19. This litigation has the capacity to beggar one or other or both of the applicant and the first respondent. It occurs to me, if I am allowed to say so, that the first respondent’s ability to buy out the applicant may depend as much upon his ability to pay or raise finance as upon what notional value might be ascribed to the company or the shares. I urge the parties to consider mediation as an alternative to this protracted and increasingly expensive litigation.

20. As far as this motion is concerned, I am persuaded by counsel for the applicant that the court simply does not have jurisdiction to entertain the motion.

21. In any event it seems to me that it would not be just or fair to the applicant to fix him with an expert valuation into which he would have no input. The motion proposed that the independent expert should have from the company all information that the expert required but did not address the applicant’s complaint that he did not have the information he needed and that he was entitled, in the first instance at least, to form his own view on valuation.

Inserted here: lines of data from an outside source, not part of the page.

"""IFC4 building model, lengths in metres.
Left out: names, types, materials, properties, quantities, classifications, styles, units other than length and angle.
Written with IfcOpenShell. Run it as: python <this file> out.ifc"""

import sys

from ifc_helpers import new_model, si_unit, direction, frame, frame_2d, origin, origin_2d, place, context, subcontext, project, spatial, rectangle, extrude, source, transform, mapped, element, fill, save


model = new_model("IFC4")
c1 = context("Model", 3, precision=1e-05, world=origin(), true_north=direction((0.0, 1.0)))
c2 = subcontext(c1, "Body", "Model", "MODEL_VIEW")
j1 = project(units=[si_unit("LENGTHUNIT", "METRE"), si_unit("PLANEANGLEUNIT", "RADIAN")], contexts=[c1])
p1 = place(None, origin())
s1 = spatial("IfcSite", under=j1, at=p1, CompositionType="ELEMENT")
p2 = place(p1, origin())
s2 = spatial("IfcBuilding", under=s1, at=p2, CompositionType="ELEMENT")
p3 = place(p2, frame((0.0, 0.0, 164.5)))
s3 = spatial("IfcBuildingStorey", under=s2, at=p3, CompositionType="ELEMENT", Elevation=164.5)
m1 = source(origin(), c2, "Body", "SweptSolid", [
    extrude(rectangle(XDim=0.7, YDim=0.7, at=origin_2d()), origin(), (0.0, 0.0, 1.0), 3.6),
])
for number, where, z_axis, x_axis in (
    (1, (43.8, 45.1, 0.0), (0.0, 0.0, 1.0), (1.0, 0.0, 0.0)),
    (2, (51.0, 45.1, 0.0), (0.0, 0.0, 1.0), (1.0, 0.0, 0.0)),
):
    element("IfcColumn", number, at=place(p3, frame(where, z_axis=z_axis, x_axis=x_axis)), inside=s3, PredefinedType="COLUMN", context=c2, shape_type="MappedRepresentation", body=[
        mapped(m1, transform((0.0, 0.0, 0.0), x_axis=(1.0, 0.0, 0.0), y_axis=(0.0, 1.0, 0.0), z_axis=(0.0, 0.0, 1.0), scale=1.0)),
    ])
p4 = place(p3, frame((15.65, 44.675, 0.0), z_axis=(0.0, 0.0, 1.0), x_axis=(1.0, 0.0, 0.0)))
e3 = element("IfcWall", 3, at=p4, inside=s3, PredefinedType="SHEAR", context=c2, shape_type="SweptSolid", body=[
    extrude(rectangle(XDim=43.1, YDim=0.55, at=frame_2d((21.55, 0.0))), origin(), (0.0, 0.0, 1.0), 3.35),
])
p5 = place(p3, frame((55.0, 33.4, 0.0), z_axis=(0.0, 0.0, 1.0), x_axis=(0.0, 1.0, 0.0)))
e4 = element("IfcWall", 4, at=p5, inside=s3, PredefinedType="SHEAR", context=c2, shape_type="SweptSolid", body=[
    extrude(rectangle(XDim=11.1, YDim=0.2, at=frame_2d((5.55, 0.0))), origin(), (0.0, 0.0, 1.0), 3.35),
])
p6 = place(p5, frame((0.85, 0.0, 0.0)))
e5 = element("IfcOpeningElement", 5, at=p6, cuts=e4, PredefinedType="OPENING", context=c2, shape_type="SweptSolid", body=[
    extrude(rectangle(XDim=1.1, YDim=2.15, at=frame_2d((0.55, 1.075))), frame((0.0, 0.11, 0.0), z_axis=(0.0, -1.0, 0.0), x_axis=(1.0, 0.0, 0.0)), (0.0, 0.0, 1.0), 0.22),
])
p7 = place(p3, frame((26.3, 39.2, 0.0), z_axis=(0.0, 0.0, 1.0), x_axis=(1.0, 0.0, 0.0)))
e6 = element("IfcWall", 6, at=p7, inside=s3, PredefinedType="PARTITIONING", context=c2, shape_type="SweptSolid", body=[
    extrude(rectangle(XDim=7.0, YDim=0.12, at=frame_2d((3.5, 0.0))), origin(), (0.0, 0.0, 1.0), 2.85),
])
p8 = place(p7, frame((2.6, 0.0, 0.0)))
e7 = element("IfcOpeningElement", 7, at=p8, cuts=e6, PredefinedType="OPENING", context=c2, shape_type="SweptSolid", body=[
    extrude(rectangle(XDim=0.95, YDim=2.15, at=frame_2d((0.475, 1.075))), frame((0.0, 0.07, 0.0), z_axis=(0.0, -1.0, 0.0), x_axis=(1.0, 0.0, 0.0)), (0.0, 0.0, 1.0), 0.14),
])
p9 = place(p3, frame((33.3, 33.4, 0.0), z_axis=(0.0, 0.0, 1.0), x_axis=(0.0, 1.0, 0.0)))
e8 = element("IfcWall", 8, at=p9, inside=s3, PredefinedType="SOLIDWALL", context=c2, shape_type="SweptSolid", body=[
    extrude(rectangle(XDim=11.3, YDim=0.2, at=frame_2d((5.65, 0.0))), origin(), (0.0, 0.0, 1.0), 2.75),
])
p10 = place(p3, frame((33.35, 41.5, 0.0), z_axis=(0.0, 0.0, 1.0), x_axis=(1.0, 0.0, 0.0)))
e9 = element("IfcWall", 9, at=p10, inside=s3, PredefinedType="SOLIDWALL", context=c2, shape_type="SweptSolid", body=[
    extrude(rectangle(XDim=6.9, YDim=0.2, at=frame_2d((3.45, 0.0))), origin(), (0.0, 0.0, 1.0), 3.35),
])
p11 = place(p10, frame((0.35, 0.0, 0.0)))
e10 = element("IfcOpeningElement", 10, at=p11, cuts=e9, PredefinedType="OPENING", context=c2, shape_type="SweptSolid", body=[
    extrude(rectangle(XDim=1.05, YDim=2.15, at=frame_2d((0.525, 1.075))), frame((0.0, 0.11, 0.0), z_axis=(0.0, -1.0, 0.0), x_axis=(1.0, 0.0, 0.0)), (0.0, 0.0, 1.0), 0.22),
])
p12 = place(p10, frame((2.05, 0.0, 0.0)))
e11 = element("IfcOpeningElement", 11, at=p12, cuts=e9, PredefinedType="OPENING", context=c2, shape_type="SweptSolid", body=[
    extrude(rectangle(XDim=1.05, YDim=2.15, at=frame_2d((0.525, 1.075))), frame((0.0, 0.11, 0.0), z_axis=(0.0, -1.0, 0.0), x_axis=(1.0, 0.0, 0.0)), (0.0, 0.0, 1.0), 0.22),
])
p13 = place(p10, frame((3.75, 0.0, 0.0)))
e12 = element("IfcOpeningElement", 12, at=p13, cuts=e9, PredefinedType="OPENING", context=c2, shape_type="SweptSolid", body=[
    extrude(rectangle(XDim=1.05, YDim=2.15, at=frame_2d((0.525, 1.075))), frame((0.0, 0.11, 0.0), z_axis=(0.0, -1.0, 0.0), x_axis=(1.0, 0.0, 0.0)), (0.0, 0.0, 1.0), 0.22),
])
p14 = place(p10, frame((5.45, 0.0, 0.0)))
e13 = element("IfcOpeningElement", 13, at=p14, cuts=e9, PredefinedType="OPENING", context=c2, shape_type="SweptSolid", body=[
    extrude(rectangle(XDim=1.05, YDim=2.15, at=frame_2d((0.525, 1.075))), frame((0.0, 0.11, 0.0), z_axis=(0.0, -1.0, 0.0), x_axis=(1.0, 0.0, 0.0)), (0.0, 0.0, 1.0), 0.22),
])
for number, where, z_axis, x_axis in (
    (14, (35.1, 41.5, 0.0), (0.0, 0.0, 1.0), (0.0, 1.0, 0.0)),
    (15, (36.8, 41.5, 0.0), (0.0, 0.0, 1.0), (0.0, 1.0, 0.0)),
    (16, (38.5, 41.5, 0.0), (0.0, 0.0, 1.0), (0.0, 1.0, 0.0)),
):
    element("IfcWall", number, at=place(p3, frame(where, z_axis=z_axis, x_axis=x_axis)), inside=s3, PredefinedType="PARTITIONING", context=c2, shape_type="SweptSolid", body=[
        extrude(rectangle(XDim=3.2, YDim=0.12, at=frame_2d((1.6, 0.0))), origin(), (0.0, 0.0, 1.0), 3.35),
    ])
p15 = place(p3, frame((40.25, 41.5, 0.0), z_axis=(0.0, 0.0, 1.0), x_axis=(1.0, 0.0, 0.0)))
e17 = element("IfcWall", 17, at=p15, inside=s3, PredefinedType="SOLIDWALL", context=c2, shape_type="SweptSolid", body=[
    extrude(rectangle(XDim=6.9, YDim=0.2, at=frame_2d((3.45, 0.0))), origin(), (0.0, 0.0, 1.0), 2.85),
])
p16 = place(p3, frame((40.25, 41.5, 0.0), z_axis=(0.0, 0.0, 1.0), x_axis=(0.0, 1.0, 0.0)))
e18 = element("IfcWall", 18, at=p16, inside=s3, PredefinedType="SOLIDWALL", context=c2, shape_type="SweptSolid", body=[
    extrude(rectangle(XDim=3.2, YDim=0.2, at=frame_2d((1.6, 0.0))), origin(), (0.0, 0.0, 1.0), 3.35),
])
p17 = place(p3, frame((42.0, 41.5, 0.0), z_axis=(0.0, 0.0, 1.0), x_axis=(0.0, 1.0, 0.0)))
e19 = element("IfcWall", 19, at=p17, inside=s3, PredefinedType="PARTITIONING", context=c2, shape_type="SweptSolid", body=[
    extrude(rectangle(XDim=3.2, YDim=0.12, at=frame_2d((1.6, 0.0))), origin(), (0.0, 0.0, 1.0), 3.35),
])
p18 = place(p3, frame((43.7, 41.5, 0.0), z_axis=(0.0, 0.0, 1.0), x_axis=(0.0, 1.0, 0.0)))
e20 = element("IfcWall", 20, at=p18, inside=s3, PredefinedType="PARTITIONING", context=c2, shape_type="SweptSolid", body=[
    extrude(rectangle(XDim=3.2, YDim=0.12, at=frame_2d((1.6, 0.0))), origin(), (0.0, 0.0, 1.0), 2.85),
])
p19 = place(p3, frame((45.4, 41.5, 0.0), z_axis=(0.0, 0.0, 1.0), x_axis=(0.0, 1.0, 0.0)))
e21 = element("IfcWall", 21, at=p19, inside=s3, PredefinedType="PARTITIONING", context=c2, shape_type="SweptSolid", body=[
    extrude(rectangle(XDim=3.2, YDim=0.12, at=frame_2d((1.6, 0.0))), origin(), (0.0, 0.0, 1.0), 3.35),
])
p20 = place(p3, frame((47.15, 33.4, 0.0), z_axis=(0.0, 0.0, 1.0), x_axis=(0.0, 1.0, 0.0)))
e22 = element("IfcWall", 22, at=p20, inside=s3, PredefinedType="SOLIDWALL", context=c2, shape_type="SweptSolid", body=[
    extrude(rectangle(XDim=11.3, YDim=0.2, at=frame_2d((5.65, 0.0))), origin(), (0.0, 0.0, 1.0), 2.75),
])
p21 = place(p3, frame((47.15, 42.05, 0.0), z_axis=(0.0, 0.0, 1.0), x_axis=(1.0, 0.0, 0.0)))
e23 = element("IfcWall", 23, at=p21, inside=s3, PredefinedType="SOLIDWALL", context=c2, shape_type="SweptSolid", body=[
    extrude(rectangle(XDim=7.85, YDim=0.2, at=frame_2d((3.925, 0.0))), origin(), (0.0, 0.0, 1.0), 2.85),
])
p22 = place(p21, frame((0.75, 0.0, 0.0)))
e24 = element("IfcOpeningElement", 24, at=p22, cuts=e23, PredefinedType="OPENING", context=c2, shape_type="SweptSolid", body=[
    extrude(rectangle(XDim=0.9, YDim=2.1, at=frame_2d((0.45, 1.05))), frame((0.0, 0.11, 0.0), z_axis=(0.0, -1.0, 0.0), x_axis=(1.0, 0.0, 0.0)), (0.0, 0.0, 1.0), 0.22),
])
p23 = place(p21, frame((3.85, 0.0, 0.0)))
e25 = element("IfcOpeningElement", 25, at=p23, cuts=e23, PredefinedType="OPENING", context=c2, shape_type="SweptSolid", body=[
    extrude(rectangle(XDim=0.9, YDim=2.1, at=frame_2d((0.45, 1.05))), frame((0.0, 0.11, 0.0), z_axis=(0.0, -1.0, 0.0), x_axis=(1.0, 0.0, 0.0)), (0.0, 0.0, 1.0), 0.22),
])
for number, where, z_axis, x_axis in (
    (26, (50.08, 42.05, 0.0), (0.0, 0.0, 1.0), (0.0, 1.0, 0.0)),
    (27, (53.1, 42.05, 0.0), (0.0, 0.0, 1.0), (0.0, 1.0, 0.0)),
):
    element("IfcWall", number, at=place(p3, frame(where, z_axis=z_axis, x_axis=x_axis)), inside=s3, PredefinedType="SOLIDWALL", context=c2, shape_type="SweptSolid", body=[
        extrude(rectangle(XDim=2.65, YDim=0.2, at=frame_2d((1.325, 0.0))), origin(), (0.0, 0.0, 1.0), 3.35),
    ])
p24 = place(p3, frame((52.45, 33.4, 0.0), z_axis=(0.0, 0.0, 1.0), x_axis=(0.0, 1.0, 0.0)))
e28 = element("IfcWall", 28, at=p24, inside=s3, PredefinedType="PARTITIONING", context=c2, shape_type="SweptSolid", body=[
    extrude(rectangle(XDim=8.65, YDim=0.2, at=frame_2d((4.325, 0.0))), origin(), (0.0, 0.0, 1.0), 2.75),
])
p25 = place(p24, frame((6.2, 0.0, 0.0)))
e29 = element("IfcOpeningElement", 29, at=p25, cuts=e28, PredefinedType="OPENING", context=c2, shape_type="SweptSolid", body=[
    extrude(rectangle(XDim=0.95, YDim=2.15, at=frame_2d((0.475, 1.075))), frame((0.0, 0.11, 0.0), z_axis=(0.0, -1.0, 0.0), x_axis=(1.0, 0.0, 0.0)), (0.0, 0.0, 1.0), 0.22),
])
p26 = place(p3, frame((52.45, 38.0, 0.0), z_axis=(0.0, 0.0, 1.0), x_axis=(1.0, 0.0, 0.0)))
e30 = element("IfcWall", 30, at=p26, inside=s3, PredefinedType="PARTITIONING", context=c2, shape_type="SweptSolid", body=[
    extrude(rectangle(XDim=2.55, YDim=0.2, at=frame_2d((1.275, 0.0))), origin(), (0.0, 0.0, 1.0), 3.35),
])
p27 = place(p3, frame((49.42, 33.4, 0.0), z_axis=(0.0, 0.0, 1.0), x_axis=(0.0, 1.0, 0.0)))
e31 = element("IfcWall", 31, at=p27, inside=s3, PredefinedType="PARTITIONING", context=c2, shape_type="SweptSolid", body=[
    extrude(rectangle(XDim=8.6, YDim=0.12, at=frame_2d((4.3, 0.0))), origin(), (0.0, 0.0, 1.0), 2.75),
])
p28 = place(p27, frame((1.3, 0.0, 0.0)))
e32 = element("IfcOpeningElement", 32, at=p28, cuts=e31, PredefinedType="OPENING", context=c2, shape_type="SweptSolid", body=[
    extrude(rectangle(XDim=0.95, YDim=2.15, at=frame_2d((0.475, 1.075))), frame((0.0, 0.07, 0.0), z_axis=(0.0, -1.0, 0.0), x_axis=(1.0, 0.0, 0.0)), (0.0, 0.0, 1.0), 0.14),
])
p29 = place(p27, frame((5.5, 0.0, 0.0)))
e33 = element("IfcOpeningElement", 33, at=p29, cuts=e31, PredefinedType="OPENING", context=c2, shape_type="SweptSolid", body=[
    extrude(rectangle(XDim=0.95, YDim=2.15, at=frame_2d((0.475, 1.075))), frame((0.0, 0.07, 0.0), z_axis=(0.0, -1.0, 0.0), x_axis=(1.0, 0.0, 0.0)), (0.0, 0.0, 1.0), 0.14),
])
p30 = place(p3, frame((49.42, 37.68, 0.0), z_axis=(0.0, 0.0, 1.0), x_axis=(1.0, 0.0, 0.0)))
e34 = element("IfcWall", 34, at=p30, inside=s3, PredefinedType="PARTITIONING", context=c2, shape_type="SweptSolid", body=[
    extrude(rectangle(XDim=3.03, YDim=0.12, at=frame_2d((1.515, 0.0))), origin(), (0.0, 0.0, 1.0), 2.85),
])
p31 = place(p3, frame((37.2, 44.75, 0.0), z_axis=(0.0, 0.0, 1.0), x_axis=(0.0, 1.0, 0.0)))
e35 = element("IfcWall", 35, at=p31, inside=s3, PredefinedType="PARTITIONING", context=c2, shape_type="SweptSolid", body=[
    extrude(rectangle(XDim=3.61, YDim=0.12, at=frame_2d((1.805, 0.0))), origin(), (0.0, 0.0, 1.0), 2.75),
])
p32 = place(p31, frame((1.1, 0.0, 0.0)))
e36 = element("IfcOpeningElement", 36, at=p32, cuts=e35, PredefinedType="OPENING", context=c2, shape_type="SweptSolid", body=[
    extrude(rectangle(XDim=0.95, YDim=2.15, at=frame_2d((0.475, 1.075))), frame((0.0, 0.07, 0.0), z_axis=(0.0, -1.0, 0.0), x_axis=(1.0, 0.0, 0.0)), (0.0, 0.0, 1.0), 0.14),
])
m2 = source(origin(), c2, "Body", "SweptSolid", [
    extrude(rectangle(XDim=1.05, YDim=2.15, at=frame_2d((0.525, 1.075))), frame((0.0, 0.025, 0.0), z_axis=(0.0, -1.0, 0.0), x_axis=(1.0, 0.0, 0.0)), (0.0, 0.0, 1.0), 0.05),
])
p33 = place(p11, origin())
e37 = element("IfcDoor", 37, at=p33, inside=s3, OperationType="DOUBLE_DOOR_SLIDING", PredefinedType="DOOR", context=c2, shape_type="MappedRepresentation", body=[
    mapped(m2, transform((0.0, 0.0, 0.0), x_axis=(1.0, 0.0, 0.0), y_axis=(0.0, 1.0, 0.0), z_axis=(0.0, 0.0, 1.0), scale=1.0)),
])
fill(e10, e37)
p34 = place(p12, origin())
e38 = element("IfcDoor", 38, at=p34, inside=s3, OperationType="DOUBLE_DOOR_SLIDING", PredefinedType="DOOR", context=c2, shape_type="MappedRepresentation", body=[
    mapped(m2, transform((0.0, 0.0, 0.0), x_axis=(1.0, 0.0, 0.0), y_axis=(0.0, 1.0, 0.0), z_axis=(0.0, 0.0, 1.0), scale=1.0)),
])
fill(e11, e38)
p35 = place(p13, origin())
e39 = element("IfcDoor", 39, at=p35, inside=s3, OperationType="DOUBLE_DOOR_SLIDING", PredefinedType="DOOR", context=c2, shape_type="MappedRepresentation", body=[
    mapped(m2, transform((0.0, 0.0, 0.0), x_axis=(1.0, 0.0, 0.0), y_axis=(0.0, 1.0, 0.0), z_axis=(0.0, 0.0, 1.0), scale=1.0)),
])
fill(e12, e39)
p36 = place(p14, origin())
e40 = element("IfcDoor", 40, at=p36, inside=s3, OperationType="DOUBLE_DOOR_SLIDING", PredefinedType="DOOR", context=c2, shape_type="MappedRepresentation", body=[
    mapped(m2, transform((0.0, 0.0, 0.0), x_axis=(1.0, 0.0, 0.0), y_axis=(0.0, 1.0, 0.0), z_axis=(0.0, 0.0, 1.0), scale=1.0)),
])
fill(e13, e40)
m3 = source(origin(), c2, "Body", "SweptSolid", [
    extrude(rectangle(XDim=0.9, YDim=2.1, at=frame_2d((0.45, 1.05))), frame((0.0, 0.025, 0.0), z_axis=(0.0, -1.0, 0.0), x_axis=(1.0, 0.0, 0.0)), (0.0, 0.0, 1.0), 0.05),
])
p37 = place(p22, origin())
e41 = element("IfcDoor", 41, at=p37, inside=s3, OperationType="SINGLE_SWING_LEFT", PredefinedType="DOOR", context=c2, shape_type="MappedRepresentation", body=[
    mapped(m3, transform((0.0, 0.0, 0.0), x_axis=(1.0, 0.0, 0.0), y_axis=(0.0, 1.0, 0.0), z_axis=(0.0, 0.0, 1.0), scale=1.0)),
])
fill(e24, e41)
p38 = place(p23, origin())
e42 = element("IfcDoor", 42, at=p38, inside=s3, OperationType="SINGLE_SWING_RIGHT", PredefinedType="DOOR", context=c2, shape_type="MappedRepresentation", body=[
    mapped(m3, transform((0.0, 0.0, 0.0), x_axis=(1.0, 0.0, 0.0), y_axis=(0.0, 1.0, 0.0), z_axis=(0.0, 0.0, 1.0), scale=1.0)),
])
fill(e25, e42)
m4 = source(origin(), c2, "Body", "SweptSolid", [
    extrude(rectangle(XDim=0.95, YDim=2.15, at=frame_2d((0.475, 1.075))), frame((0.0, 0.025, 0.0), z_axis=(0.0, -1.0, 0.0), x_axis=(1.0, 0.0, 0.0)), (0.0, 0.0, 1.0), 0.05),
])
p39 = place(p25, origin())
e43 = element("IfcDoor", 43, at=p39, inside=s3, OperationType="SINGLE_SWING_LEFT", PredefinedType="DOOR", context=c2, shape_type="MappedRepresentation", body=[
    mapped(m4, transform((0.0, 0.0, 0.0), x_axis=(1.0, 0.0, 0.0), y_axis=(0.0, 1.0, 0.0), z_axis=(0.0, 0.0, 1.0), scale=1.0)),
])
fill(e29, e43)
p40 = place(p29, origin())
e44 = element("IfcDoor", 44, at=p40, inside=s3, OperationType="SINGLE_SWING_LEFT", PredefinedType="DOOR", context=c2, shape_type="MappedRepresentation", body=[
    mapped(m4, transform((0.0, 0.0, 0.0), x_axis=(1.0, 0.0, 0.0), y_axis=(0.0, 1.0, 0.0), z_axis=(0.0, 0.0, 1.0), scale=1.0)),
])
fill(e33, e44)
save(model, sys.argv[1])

22. In my view, the proposal that the parties would both be bound by an independent expert valuation of the applicant’s shares was not without merit: but it would have been a rough and ready solution. The applicant was not bound to go along with it and neither was it unreasonable that he refused to do so. The applicant, in first place, was entitled to form his own view as to the value of his shareholding and thereafter to be in a positon to engage with any valuer in an informed way.

23. At the hearing before me the position of the first respondent shifted. It is clear from the authorities, for example Charles Kelly Ltd [2011] IEHC 349 that while the court has an inherent jurisdiction to appoint a valuer to assist the court, the decision as to the value of the shares and the purchase price will remain with the court. It was more or less conceded that the court could not delegate or abdicate its decision to fix a price to a valuer but it was said that if the court was not minded to appoint an independent expert to value the shares it might appoint a valuer to assist the court in determining the price.

24. I am afraid that I must reject this suggestion also. In the first place, since the jurisdiction to order a sale and purchase of shares is triggered by a finding of oppression or a concession of technical oppression, it would be premature to contemplate such an appointment. Secondly, if the parties have their own valuers, the appointment of a third valuer would add a layer of costs. In a case in which there is sharp disagreement between the experts engaged by the parties it might well be useful to consider the possibility of a third opinion but it seems to me that before appointing a third valuer, the court would need to assess the nature and extent of the disagreement between the valuers appointed by the parties and to form a view as to whether it needed any further assistance.

25. In my view the first respondent’s motion must be refused, with an order for costs in favour of the applicant, but I will stay execution on foot of the order for costs until the final determination of the proceedings.